Moving forward

Advocate staff photo by ARTHUR D. LAUCK -- Jefferson Parish President John Young discusses the steps he's taken to weed out corruption in the parish president's office after his predecessor, Aaron Broussard, resigned amid a federal probe into conspiracy and wire fraud.
Advocate staff photo by ARTHUR D. LAUCK -- Jefferson Parish President John Young discusses the steps he's taken to weed out corruption in the parish president's office after his predecessor, Aaron Broussard, resigned amid a federal probe into conspiracy and wire fraud.

Young hopes to sweep away remnants of corruption

Even after his predecessor pleaded guilty to bribery, fraud and theft last week, Jefferson Parish President John Young said he still has work to do to dispel the image of corruption that taints the office.

“It certainly closes that chapter, but we still have the remnants of what happened,” said Young, who was elected in October 2010 following Aaron Broussard’s resignation.

Broussard and his former parish attorney, Tom Wilkinson, ended their court drama by pleading guilty last week in federal court.

Broussard quit abruptly in January 2010, about two years before he and Wilkinson were indicted on charges that they gave Karen Parker, Broussard’s ex-wife, a job as a paralegal supervisor in the Parish Attorney’s Office even though she wasn’t qualified. Broussard and Wilkinson also were accused of siphoning hundreds of thousands of dollars from Jefferson Parish via wire fraud and accepting kickbacks from a telecommunications company in exchange for steering parish contracts to the business.

Young said fighting the perception of corruption has been challenging, especially with a federal investigation still ongoing, but he combats it because it “sucks the economic lifeblood out of a community.”

“It’s our obligation now to do everything we can to move forward and not concentrate on what happened in the prior administration,” Young said.

Young can rattle off a list of accomplishments he said have helped combat corruption, including making the parish attorney a full-time position, hiring an ethics and compliance officer and establishing a whistle-blower hotline.

Young also successfully campaigned for a Parish Inspector General’s Office, which he said will help keep Jefferson’s government more honest. Young hopes to have the office running by January.

That’s a good start, said Margie Seemann, vice chairman of Citizens for Good Government, a Jefferson Parish watchdog group.

Seemann said her organization still has issues with Young — particularly that he has not addressed her group’s accusations of discrimination and payroll fraud during the previous administration.

Otherwise, Seemann said, Citizens for Good Government approves of Young’s work, especially his criticism of Entergy’s response to Hurricane Isaac, which Young has said was too sluggish.

“They always respond to our emails and faxes,” Seemann said of Young’s office. “We feel like they’ve been responsive to us.”

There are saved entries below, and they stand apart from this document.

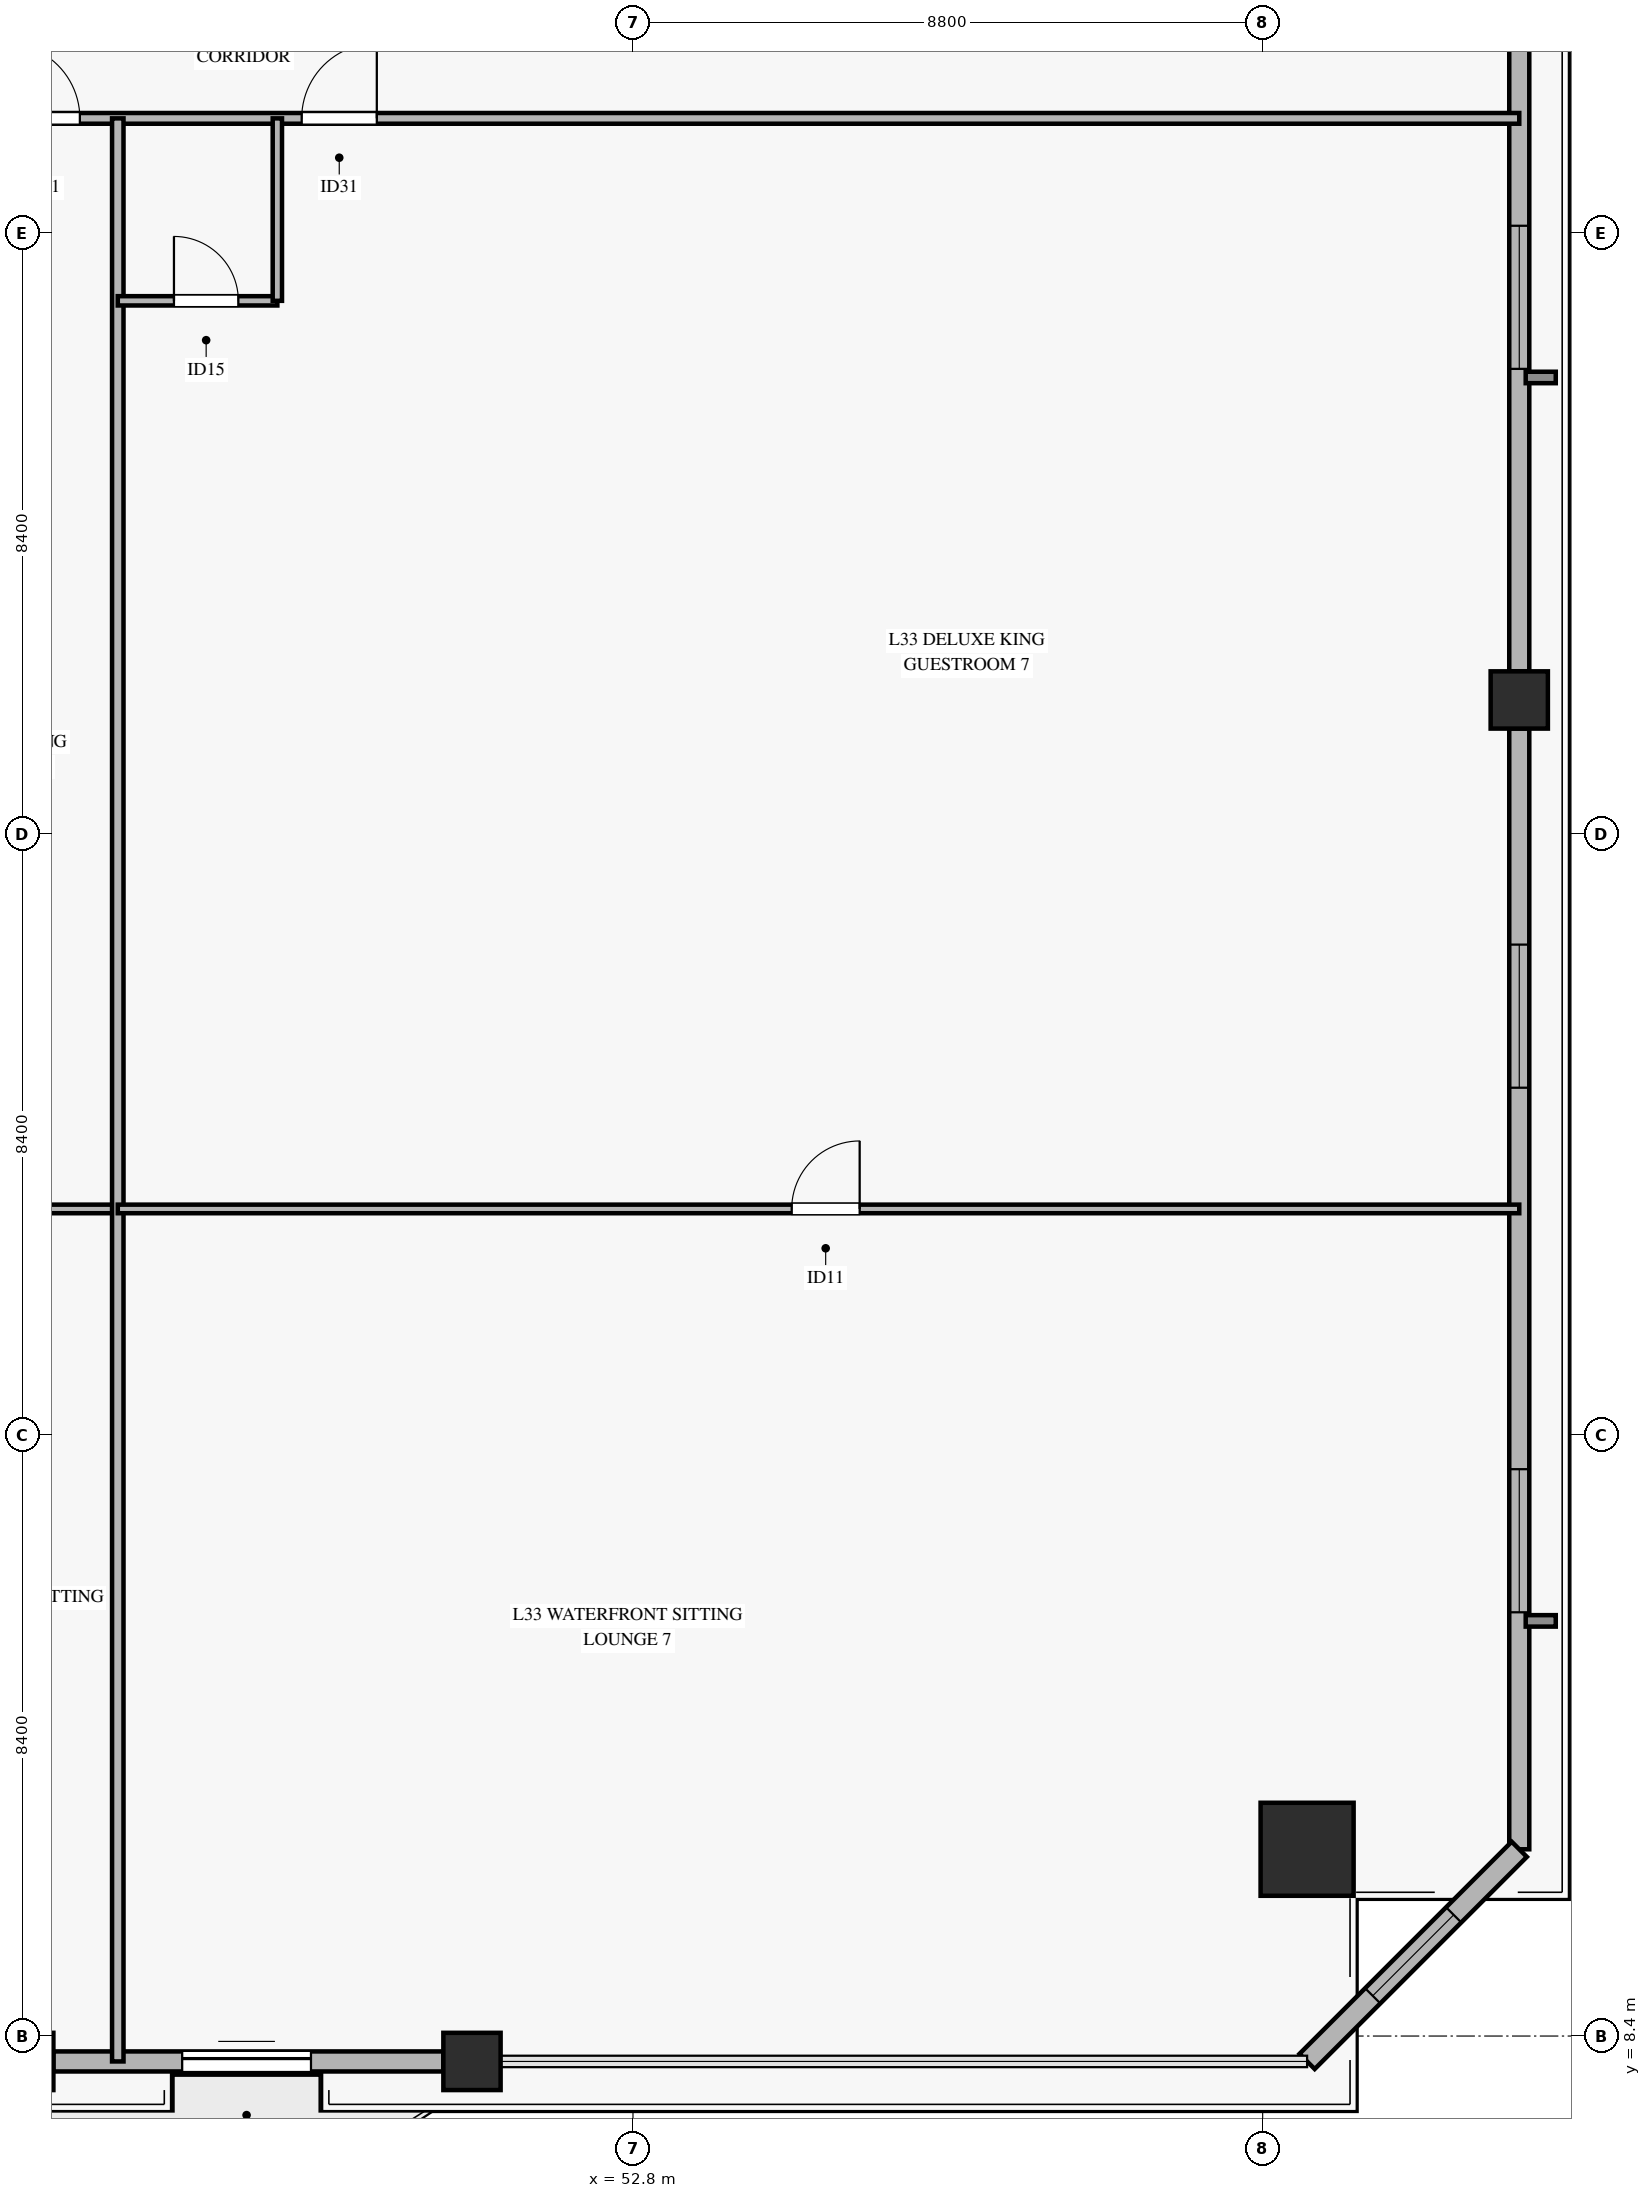
"""IFC4 building model, lengths in metres.
Left out: names, types, materials, properties, quantities, classifications, styles, units other than length and angle.
Written with IfcOpenShell. Run it as: python <this file> out.ifc"""

import sys

from ifc_helpers import new_model, si_unit, direction, frame, frame_2d, origin, origin_2d, place, context, subcontext, project, spatial, rectangle, hollow_rectangle, extrude, source, transform, mapped, element, fill, save


model = new_model("IFC4")
c1 = context("Model", 3, precision=1e-05, world=origin(), true_north=direction((0.0, 1.0)))
c2 = subcontext(c1, "Body", "Model", "MODEL_VIEW")
j1 = project(units=[si_unit("LENGTHUNIT", "METRE"), si_unit("PLANEANGLEUNIT", "RADIAN")], contexts=[c1])
p1 = place(None, origin())
s1 = spatial("IfcSite", under=j1, at=p1, CompositionType="ELEMENT")
p2 = place(p1, origin())
s2 = spatial("IfcBuilding", under=s1, at=p2, CompositionType="ELEMENT")
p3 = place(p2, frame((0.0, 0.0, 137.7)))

Responsive isn’t exactly how Elton Lagasse would describe Young’s relationship with the Jefferson Parish Council.

Lagasse, the council chairman, said Young “operates in a vacuum” and rarely talks to council members, which differs from Broussard’s regime.

Lagasse said he disagrees with some of Young’s methodologies, such as his attempts to change the parish’s contracting and procurement processes.

Young said he wants to bid out every contract possible. Lagasse said the council will work with Young’s bid recommendations, but the council still has the right to agree or disagree.

“We vote on what he recommends,” Lagasse said. “This is not a mayoral form of government. If we were a mayoral form of government, then he would have all that authority.”

But when it comes to how the current and prior administrations are perceived, Young has a “good, honest image,’’ Lagasse said.

As far as cleaning up corruption, Lagasse said there’s no doubt Young has done a good job.

“I think a lot of people think he rode in on a white horse, and he did in comparison to some other people,” Lagasse said. “John has done what I think he thought was probably best for him politically and best for the parish.”

When Young isn’t talking about the corruption scandal, he’s talking about his plan for the parish’s future, which includes economic expansion, particularly in the film industry, and getting Jefferson back to being the most populous parish in the state.

Young said Jefferson’s growth is tied to the expansion of the Huey P. Long Bridge, which he called the “single most important capital works project we’ll see in our lifetime.”

“Jefferson Parish’s future is on the West Bank, specifically between the Harvey Canal and the St. Charles Parish line, and that’s where the bridge is going to come down,” Young said. “That’s where we have all of our raw, undeveloped land. You look at the east bank, it’s all developed.”

Young said he has always been attracted to government service because he feels it’s the best way he can make a difference. He said he’ll stay in it “as long as the people allow me to do that.”

Being parish president wasn’t on his radar when he was first elected to the council, Young said, but then Broussard and others resigned.

“If you’d have asked me five years ago if I wanted to be parish president of Jefferson, I probably would have said no,” Young said.

What motivated him to seek the office were the accusations of corruption, he said.

“Being a former prosecutor,” Young said, “I see one of our big issues not only in Jefferson Parish but throughout the entire state is combating corruption.”